Appendix: Database Software, Scripting Languages, and XML
Most historians encounter simple databases when they use common software applications such as Access or Filemaker. Web databases differ from these “client,” or desktop, programs. They run silently in the “background” of a web server and respond to specialized requests through small pieces of programming code rather than through the point-and-click actions that occur on a personal computer screen. These invisible database operators permit quick and complicated “queries,” or instructions, from a web page.
Your budget and the other technologies you plan to use on your site will help you choose an appropriate database program. If you anticipate having more than 100,000 entries in the database and require no corruption or loss of information and a service-oriented company to go to with problems (in other words, if you are in charge of a large project like Ellis Island’s website, which stores millions of names as well as associated documents), you may want to use software from Oracle, the high-end market leader, or similar products like DB2 from IBM. These expensive database products are often sold with technical support and cost thousands of dollars per year (or more) to buy and run.1 Even then, many large historical sites with some in-house technical capabilities may be able to use a free high-end alternative called PostgreSQL, which has most of the same features as the commercial software with none of the eye-popping cost.2 For example, the Eastern Illinois University students and professors behind the Coles County Legal History Project, which is cataloguing and making web searchable legal documents from the era of Abraham Lincoln, Esq., decided to move from Access to PostgreSQL as their collection and website grew rapidly over the years.3 PostgreSQL, like Oracle’s products, is “ACID” compliant, an acronym for a database checklist that ensures data integrity during fast-paced, high-volume usage.
For all but the most extensive historical archives, however, PostgreSQL, Oracle, DB2, and other robust databases are overkill, and many good alternatives for small- to medium-sized historical websites exist. Microsoft SQL Server sometimes comes bundled with Internet Information Services (IIS), Microsoft’s web server software (beginning at around $1,500), and in certain ($20,000 and up) versions it can handle as much information as any database (educational versions of SQL Server cost considerably less). In addition, SQL Server includes administrative software that maintains the look and feel of Windows and thus may feel more comfortable than other database packages (though you may not see this administrative software if you do not own or run the server it is on).

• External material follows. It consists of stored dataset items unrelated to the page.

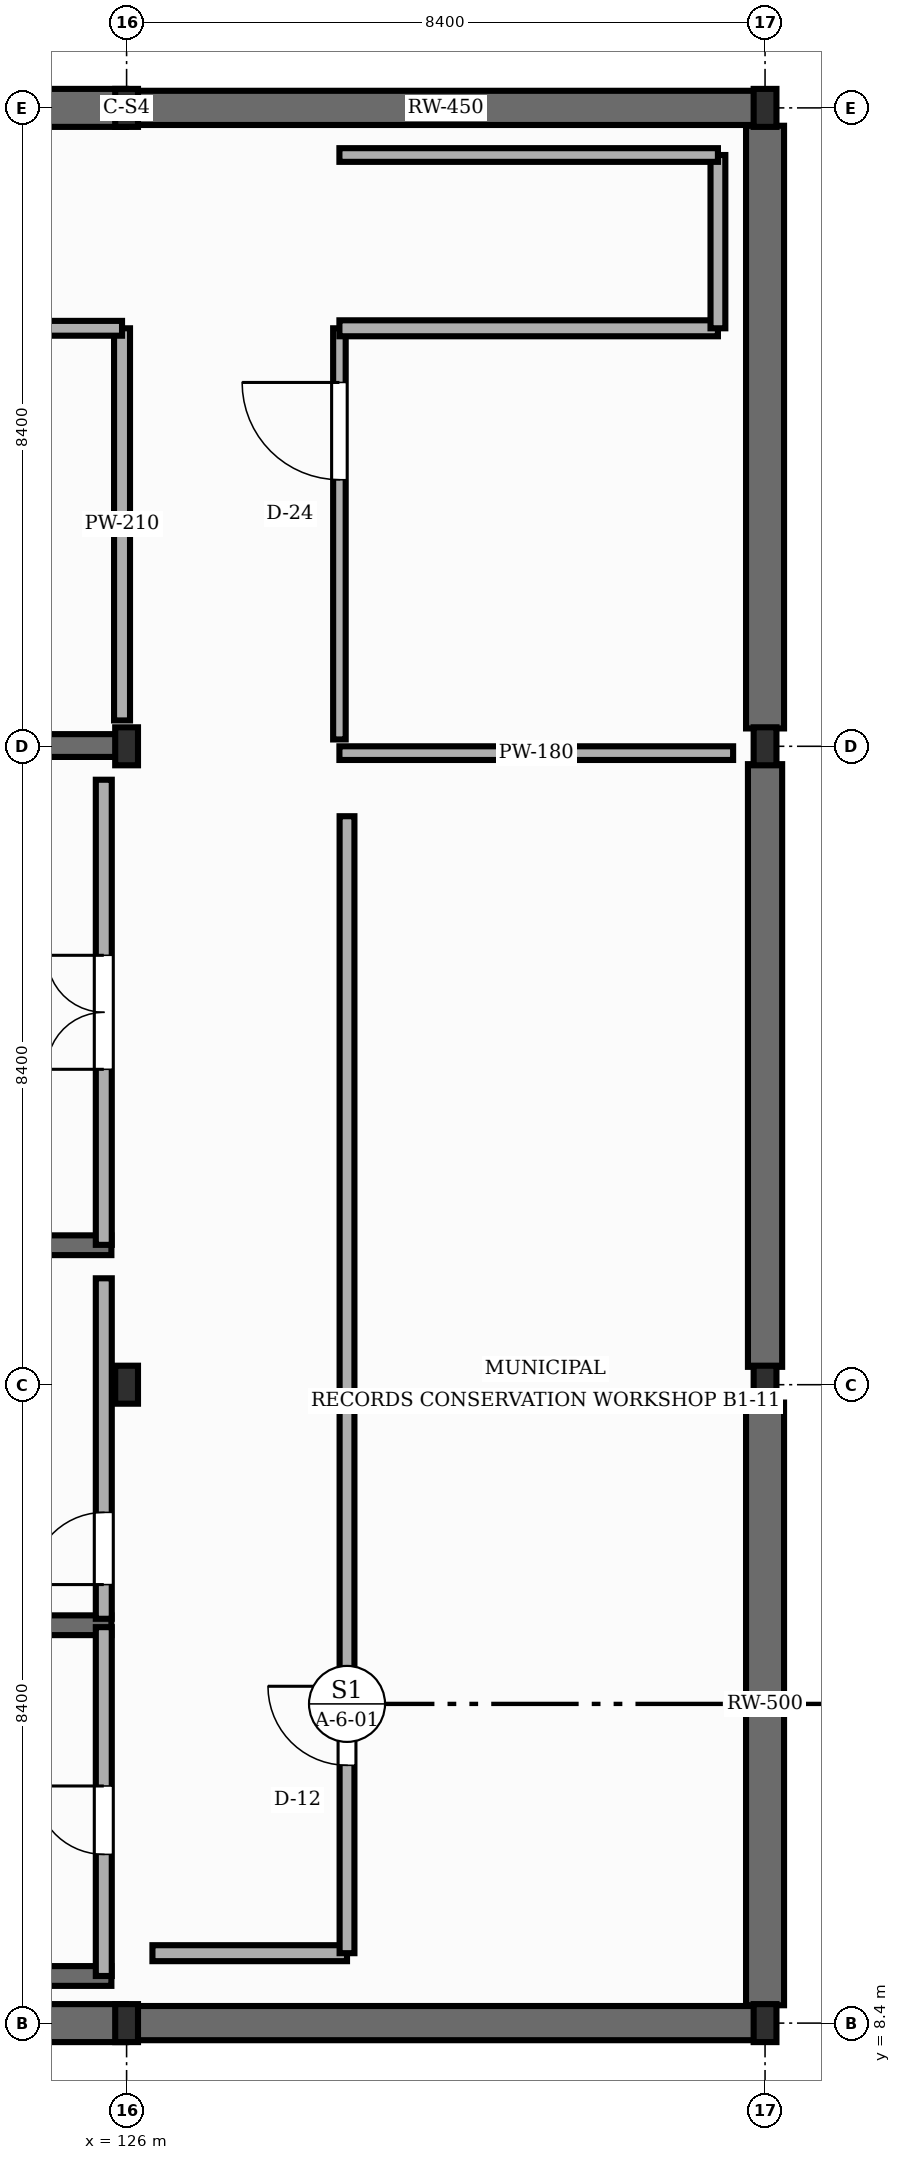
"""IFC4 building model, lengths in metres.
Left out: names, types, materials, properties, quantities, classifications, styles, units other than length and angle.
Written with IfcOpenShell. Run it as: python <this file> out.ifc"""

import sys

from ifc_helpers import new_model, si_unit, direction, frame, frame_2d, origin, origin_2d, place, context, subcontext, project, spatial, rectangle, i_section, extrude, element, fill, save


model = new_model("IFC4")
c1 = context("Model", 3, precision=1e-05, world=origin(), true_north=direction((0.0, 1.0)))
c2 = subcontext(c1, "Body", "Model", "MODEL_VIEW")
j1 = project(units=[si_unit("LENGTHUNIT", "METRE"), si_unit("PLANEANGLEUNIT", "RADIAN")], contexts=[c1])
p1 = place(None, origin())
s1 = spatial("IfcSite", under=j1, at=p1, CompositionType="ELEMENT")
p2 = place(p1, origin())
s2 = spatial("IfcBuilding", under=s1, at=p2, CompositionType="ELEMENT")
p3 = place(p2, frame((0.0, 0.0, -4.5)))
s3 = spatial("IfcBuildingStorey", under=s2, at=p3, CompositionType="ELEMENT", Elevation=-4.5)
for number, where, z_axis, x_axis in (
    (1, (126.0, 8.4, 0.0), (0.0, 0.0, 1.0), (1.0, 0.0, 0.0)),
    (2, (126.0, 16.8, 0.0), (0.0, 0.0, 1.0), (1.0, 0.0, 0.0)),
    (3, (126.0, 25.2, 0.0), (0.0, 0.0, 1.0), (1.0, 0.0, 0.0)),
    (4, (126.0, 33.6, 0.0), (0.0, 0.0, 1.0), (1.0, 0.0, 0.0)),
    (5, (134.4, 8.4, 0.0), (0.0, 0.0, 1.0), (1.0, 0.0, 0.0)),
    (6, (134.4, 16.8, 0.0), (0.0, 0.0, 1.0), (1.0, 0.0, 0.0)),
    (7, (134.4, 25.2, 0.0), (0.0, 0.0, 1.0), (1.0, 0.0, 0.0)),
    (8, (134.4, 33.6, 0.0), (0.0, 0.0, 1.0), (1.0, 0.0, 0.0)),
):
    element("IfcColumn", number, at=place(p3, frame(where, z_axis=z_axis, x_axis=x_axis)), inside=s3, PredefinedType="COLUMN", context=c2, shape_type="SweptSolid", body=[
        extrude(i_section(OverallWidth=0.3, OverallDepth=0.5, WebThickness=0.014, FlangeThickness=0.028, FilletRadius=0.027, at=origin_2d()), origin(), (0.0, 0.0, 1.0), 4.5),
    ])
p4 = place(p3, frame((134.392, 33.6, 0.0), z_axis=(0.0, 0.0, 1.0), x_axis=(-1.0, 0.0, 0.0)))
e9 = element("IfcWall", 9, at=p4, inside=s3, PredefinedType="USERDEFINED", context=c2, shape_type="SweptSolid", body=[
    extrude(rectangle(XDim=8.384, YDim=0.45, at=frame_2d((4.192, 0.0))), origin(), (0.0, 0.0, 1.0), 4.25),
])
for number, where, z_axis, x_axis in (
    (10, (125.992, 33.6, 0.0), (0.0, 0.0, 1.0), (-1.0, 0.0, 0.0)),
    (11, (117.608, 8.4, 0.0), (0.0, 0.0, 1.0), (1.0, 0.0, 0.0)),
):
    element("IfcWall", number, at=place(p3, frame(where, z_axis=z_axis, x_axis=x_axis)), inside=s3, PredefinedType="USERDEFINED", context=c2, shape_type="SweptSolid", body=[
        extrude(rectangle(XDim=8.384, YDim=0.5, at=frame_2d((4.192, 0.0))), origin(), (0.0, 0.0, 1.0), 4.25),
    ])
p5 = place(p3, frame((126.008, 8.4, 0.0), z_axis=(0.0, 0.0, 1.0), x_axis=(1.0, 0.0, 0.0)))
e12 = element("IfcWall", 12, at=p5, inside=s3, PredefinedType="USERDEFINED", context=c2, shape_type="SweptSolid", body=[
    extrude(rectangle(XDim=8.384, YDim=0.45, at=frame_2d((4.192, 0.0))), origin(), (0.0, 0.0, 1.0), 4.25),
])
p6 = place(p3, frame((134.4, 8.635, 0.0), z_axis=(0.0, 0.0, 1.0), x_axis=(0.0, 1.0, 0.0)))
e13 = element("IfcWall", 13, at=p6, inside=s3, PredefinedType="USERDEFINED", context=c2, shape_type="SweptSolid", body=[
    extrude(rectangle(XDim=7.93, YDim=0.5, at=frame_2d((3.965, 0.0))), origin(), (0.0, 0.0, 1.0), 4.25),
])
p7 = place(p3, frame((134.4, 17.035, 0.0), z_axis=(0.0, 0.0, 1.0), x_axis=(0.0, 1.0, 0.0)))
e14 = element("IfcWall", 14, at=p7, inside=s3, PredefinedType="USERDEFINED", context=c2, shape_type="SweptSolid", body=[
    extrude(rectangle(XDim=7.93, YDim=0.45, at=frame_2d((3.965, 0.0))), origin(), (0.0, 0.0, 1.0), 4.25),
])
p8 = place(p3, frame((134.4, 25.435, 0.0), z_axis=(0.0, 0.0, 1.0), x_axis=(0.0, 1.0, 0.0)))
e15 = element("IfcWall", 15, at=p8, inside=s3, PredefinedType="USERDEFINED", context=c2, shape_type="SweptSolid", body=[
    extrude(rectangle(XDim=7.93, YDim=0.5, at=frame_2d((3.965, 0.0))), origin(), (0.0, 0.0, 1.0), 4.25),
])
for number, where, z_axis, x_axis in (
    (16, (122.765, 9.02, 0.0), (0.0, 0.0, 1.0), (1.0, 0.0, 0.0)),
    (17, (122.765, 13.635, 0.0), (0.0, 0.0, 1.0), (1.0, 0.0, 0.0)),
    (18, (122.765, 18.635, 0.0), (0.0, 0.0, 1.0), (1.0, 0.0, 0.0)),
):
    element("IfcWall", number, at=place(p3, frame(where, z_axis=z_axis, x_axis=x_axis)), inside=s3, PredefinedType="SHEAR", context=c2, shape_type="SweptSolid", body=[
        extrude(rectangle(XDim=3.035, YDim=0.26, at=frame_2d((1.518, 0.0))), origin(), (0.0, 0.0, 1.0), 4.25),
    ])
p9 = place(p3, frame((121.15, 25.21, 0.0), z_axis=(0.0, 0.0, 1.0), x_axis=(1.0, 0.0, 0.0)))
e19 = element("IfcWall", 19, at=p9, inside=s3, PredefinedType="SHEAR", context=c2, shape_type="SweptSolid", body=[
    extrude(rectangle(XDim=4.87, YDim=0.3, at=frame_2d((2.435, 0.0))), origin(), (0.0, 0.0, 1.0), 4.25),
])
p10 = place(p3, frame((125.7, 9.02, 0.0), z_axis=(0.0, 0.0, 1.0), x_axis=(0.0, 1.0, 0.0)))
e20 = element("IfcWall", 20, at=p10, inside=s3, PredefinedType="STANDARD", context=c2, shape_type="SweptSolid", body=[
    extrude(rectangle(XDim=4.59, YDim=0.21, at=frame_2d((2.295, 0.0))), origin(), (0.0, 0.0, 1.0), 3.832),
])
p11 = place(p10, frame((1.6, 0.0, 0.0)))
e21 = element("IfcOpeningElement", 21, at=p11, cuts=e20, PredefinedType="OPENING", context=c2, shape_type="SweptSolid", body=[
    extrude(rectangle(XDim=0.9, YDim=2.1, at=frame_2d((0.45, 1.05))), frame((0.0, 0.115, 0.0), z_axis=(0.0, -1.0, 0.0), x_axis=(1.0, 0.0, 0.0)), (0.0, 0.0, 1.0), 0.23),
])
p12 = place(p3, frame((125.7, 13.72, 0.0), z_axis=(0.0, 0.0, 1.0), x_axis=(0.0, 1.0, 0.0)))
e22 = element("IfcWall", 22, at=p12, inside=s3, PredefinedType="STANDARD", context=c2, shape_type="SweptSolid", body=[
    extrude(rectangle(XDim=4.48, YDim=0.21, at=frame_2d((2.24, 0.0))), origin(), (0.0, 0.0, 1.0), 3.832),
])
p13 = place(p12, frame((0.45, 0.0, 0.0)))
e23 = element("IfcOpeningElement", 23, at=p13, cuts=e22, PredefinedType="OPENING", context=c2, shape_type="SweptSolid", body=[
    extrude(rectangle(XDim=0.95, YDim=2.15, at=frame_2d((0.475, 1.075))), frame((0.0, 0.115, 0.0), z_axis=(0.0, -1.0, 0.0), x_axis=(1.0, 0.0, 0.0)), (0.0, 0.0, 1.0), 0.23),
])
p14 = place(p3, frame((125.7, 18.64, 0.0), z_axis=(0.0, 0.0, 1.0), x_axis=(0.0, 1.0, 0.0)))
e24 = element("IfcWall", 24, at=p14, inside=s3, PredefinedType="STANDARD", context=c2, shape_type="SweptSolid", body=[
    extrude(rectangle(XDim=6.12, YDim=0.21, at=frame_2d((3.06, 0.0))), origin(), (0.0, 0.0, 1.0), 3.882),
])
p15 = place(p14, frame((2.31, 0.0, 0.0)))
e25 = element("IfcOpeningElement", 25, at=p15, cuts=e24, PredefinedType="OPENING", context=c2, shape_type="SweptSolid", body=[
    extrude(rectangle(XDim=1.5, YDim=2.2, at=frame_2d((0.75, 1.1))), frame((0.0, 0.115, 0.0), z_axis=(0.0, -1.0, 0.0), x_axis=(1.0, 0.0, 0.0)), (0.0, 0.0, 1.0), 0.23),
])
p16 = place(p3, frame((126.34, 9.32, -0.004), z_axis=(0.0, 0.0, 1.0), x_axis=(1.0, 0.0, 0.0)))
e26 = element("IfcWall", 26, at=p16, inside=s3, PredefinedType="STANDARD", context=c2, shape_type="SweptSolid", body=[
    extrude(rectangle(XDim=2.56, YDim=0.21, at=frame_2d((1.28, 0.0))), origin(), (0.0, 0.0, 1.0), 4.254),
])
p17 = place(p3, frame((128.9, 9.32, -0.004), z_axis=(0.0, 0.0, 1.0), x_axis=(0.0, 1.0, 0.0)))
e27 = element("IfcWall", 27, at=p17, inside=s3, PredefinedType="STANDARD", context=c2, shape_type="SweptSolid", body=[
    extrude(rectangle(XDim=14.96, YDim=0.195, at=frame_2d((7.48, 0.0))), origin(), (0.0, 0.0, 1.0), 3.966),
])
p18 = place(p17, frame((2.472, 0.0, 0.015)))
e28 = element("IfcOpeningElement", 28, at=p18, cuts=e27, PredefinedType="OPENING", context=c2, shape_type="SweptSolid", body=[
    extrude(rectangle(XDim=1.04, YDim=2.14, at=frame_2d((0.52, 1.07))), frame((0.0, 0.107, 0.0), z_axis=(0.0, -1.0, 0.0), x_axis=(1.0, 0.0, 0.0)), (0.0, 0.0, 1.0), 0.215),
])
p19 = place(p3, frame((128.8, 25.11, -0.004), z_axis=(0.0, 0.0, 1.0), x_axis=(1.0, 0.0, 0.0)))
e29 = element("IfcWall", 29, at=p19, inside=s3, PredefinedType="STANDARD", context=c2, shape_type="SweptSolid", body=[
    extrude(rectangle(XDim=5.18, YDim=0.18, at=frame_2d((2.59, 0.0))), origin(), (0.0, 0.0, 1.0), 3.846),
])
p20 = place(p3, frame((125.94, 30.7, -0.004), z_axis=(0.0, 0.0, 1.0), x_axis=(0.0, -1.0, 0.0)))
e30 = element("IfcWall", 30, at=p20, inside=s3, PredefinedType="STANDARD", context=c2, shape_type="SweptSolid", body=[
    extrude(rectangle(XDim=5.16, YDim=0.21, at=frame_2d((2.58, 0.0))), origin(), (0.0, 0.0, 1.0), 3.926),
])
p21 = place(p3, frame((117.69, 30.7, -0.004), z_axis=(0.0, 0.0, 1.0), x_axis=(1.0, 0.0, 0.0)))
e31 = element("IfcWall", 31, at=p21, inside=s3, PredefinedType="STANDARD", context=c2, shape_type="SweptSolid", body=[
    extrude(rectangle(XDim=8.25, YDim=0.195, at=frame_2d((4.125, 0.0))), origin(), (0.0, 0.0, 1.0), 4.254),
])
p22 = place(p21, frame((3.575, 0.0, 0.015)))
e32 = element("IfcOpeningElement", 32, at=p22, cuts=e31, PredefinedType="OPENING", context=c2, shape_type="SweptSolid", body=[
    extrude(rectangle(XDim=1.1, YDim=2.22, at=frame_2d((0.55, 1.11))), frame((0.0, 0.107, 0.0), z_axis=(0.0, -1.0, 0.0), x_axis=(1.0, 0.0, 0.0)), (0.0, 0.0, 1.0), 0.215),
])
p23 = place(p3, frame((128.8, 25.29, -0.004), z_axis=(0.0, 0.0, 1.0), x_axis=(0.0, 1.0, 0.0)))
e33 = element("IfcWall", 33, at=p23, inside=s3, PredefinedType="STANDARD", context=c2, shape_type="SweptSolid", body=[
    extrude(rectangle(XDim=5.41, YDim=0.165, at=frame_2d((2.705, 0.0))), origin(), (0.0, 0.0, 1.0), 4.016),
])
p24 = place(p23, frame((3.417, 0.0, 0.015)))
e34 = element("IfcOpeningElement", 34, at=p24, cuts=e33, PredefinedType="OPENING", context=c2, shape_type="SweptSolid", body=[
    extrude(rectangle(XDim=1.28, YDim=2.22, at=frame_2d((0.64, 1.11))), frame((0.0, 0.093, 0.0), z_axis=(0.0, -1.0, 0.0), x_axis=(1.0, 0.0, 0.0)), (0.0, 0.0, 1.0), 0.185),
])
p25 = place(p3, frame((128.8, 30.7, -0.004), z_axis=(0.0, 0.0, 1.0), x_axis=(1.0, 0.0, 0.0)))
e35 = element("IfcWall", 35, at=p25, inside=s3, PredefinedType="STANDARD", context=c2, shape_type="SweptSolid", body=[
    extrude(rectangle(XDim=4.98, YDim=0.21, at=frame_2d((2.49, 0.0))), origin(), (0.0, 0.0, 1.0), 4.254),
])
p26 = place(p3, frame((133.78, 30.7, -0.004), z_axis=(0.0, 0.0, 1.0), x_axis=(0.0, 1.0, 0.0)))
e36 = element("IfcWall", 36, at=p26, inside=s3, PredefinedType="STANDARD", context=c2, shape_type="SweptSolid", body=[
    extrude(rectangle(XDim=2.28, YDim=0.195, at=frame_2d((1.14, 0.0))), origin(), (0.0, 0.0, 1.0), 4.254),
])
p27 = place(p3, frame((133.78, 32.98, -0.004), z_axis=(0.0, 0.0, 1.0), x_axis=(-1.0, 0.0, 0.0)))
e37 = element("IfcWall", 37, at=p27, inside=s3, PredefinedType="STANDARD", context=c2, shape_type="SweptSolid", body=[
    extrude(rectangle(XDim=4.98, YDim=0.18, at=frame_2d((2.49, 0.0))), origin(), (0.0, 0.0, 1.0), 4.254),
])
p28 = place(p11, origin())
e38 = element("IfcDoor", 38, at=p28, inside=s3, OperationType="SINGLE_SWING_RIGHT", PredefinedType="DOOR", context=c2, shape_type="SweptSolid", body=[
    extrude(rectangle(XDim=0.9, YDim=2.1, at=frame_2d((0.45, 1.05))), frame((0.0, 0.025, 0.0), z_axis=(0.0, -1.0, 0.0), x_axis=(1.0, 0.0, 0.0)), (0.0, 0.0, 1.0), 0.05),
])
fill(e21, e38)
p29 = place(p13, origin())
e39 = element("IfcDoor", 39, at=p29, inside=s3, OperationType="SINGLE_SWING_LEFT", PredefinedType="DOOR", context=c2, shape_type="SweptSolid", body=[
    extrude(rectangle(XDim=0.95, YDim=2.15, at=frame_2d((0.475, 1.075))), frame((0.0, 0.025, 0.0), z_axis=(0.0, -1.0, 0.0), x_axis=(1.0, 0.0, 0.0)), (0.0, 0.0, 1.0), 0.05),
])
fill(e23, e39)
p30 = place(p15, origin())
e40 = element("IfcDoor", 40, at=p30, inside=s3, OperationType="DOUBLE_DOOR_SINGLE_SWING", PredefinedType="DOOR", context=c2, shape_type="SweptSolid", body=[
    extrude(rectangle(XDim=1.5, YDim=2.2, at=frame_2d((0.75, 1.1))), frame((0.0, 0.025, 0.0), z_axis=(0.0, -1.0, 0.0), x_axis=(1.0, 0.0, 0.0)), (0.0, 0.0, 1.0), 0.05),
])
fill(e25, e40)
p31 = place(p18, origin())
e41 = element("IfcDoor", 41, at=p31, inside=s3, OperationType="SINGLE_SWING_RIGHT", PredefinedType="DOOR", context=c2, shape_type="SweptSolid", body=[
    extrude(rectangle(XDim=1.04, YDim=2.14, at=frame_2d((0.52, 1.07))), frame((0.0, 0.025, 0.0), z_axis=(0.0, -1.0, 0.0), x_axis=(1.0, 0.0, 0.0)), (0.0, 0.0, 1.0), 0.05),
])
fill(e28, e41)
p32 = place(p24, origin())
e42 = element("IfcDoor", 42, at=p32, inside=s3, OperationType="SINGLE_SWING_RIGHT", PredefinedType="DOOR", context=c2, shape_type="SweptSolid", body=[
    extrude(rectangle(XDim=1.28, YDim=2.22, at=frame_2d((0.64, 1.11))), frame((0.0, 0.025, 0.0), z_axis=(0.0, -1.0, 0.0), x_axis=(1.0, 0.0, 0.0)), (0.0, 0.0, 1.0), 0.05),
])
fill(e34, e42)
save(model, sys.argv[1])

Microsoft’s low-end personal database, Access ($229 alone, and also available as part of the Office suite of programs), meant to run more on client computers than web servers, is inexpensive and can be pressed into service as a web database, but not without some software linkages that will require some technical knowledge. The University of Minnesota’s Immigration History Research Center uses Access to store information about its thousands of documents and images, although they convert the Access data into another format to make it searchable via the web.4
More recently, with the widespread adoption of open source software, a good alternative to all of the preceding options has emerged: MySQL, the leading free database.5 MySQL runs on virtually any type of server and ably handles ten or even hundreds of thousands of documents, as it does for our September 11 Digital Archive.6 Although perhaps not as robust as PostgreSQL or Oracle, MySQL is extremely capable for most of the tasks historians will ask of it (e.g., finding a specific document quickly) and is slowly gaining many of the high-end features and stability of its rivals. MySQL will likely continue to proliferate, given its undeniably attractive price and large base of users ready to help out others. Most commercial web hosts (see below) provide MySQL for customers who want to attach a database to their site.
But how do you access the database software lurking on the server, either to put materials in or to get them out to display on your website? In general, putting things in is easier because it can be done through various interfaces without programming. Many database programs come with, or allow for, web-based interfaces to enter datafor instance, the popular phpMyAdmin for MySQLthough you may find such interfaces lacking many of the features you are used to with programs running on your personal computer (like Access, Excel, and FileMaker). But such web-based interfaces allow entry from any computer with an Internet connection and a browser and hence facilitate the distribution of data entry. Another possibility is using special linking software to open a web server database on your personal computer within Access, Excel, or FileMaker. The Open Database Connectivity protocol (ODBC) enables different client and server database software to function seamlessly together in this way. If you are planning to enter your data only once, it may be easier, however, just to record it as you would in one of the easy-to-use client programs (like Access) and then hand off a tab-delimited file (a text file with tabs separating each piece of information, which most databases like Access can easily create) to your web server administrator for ingest into a web database.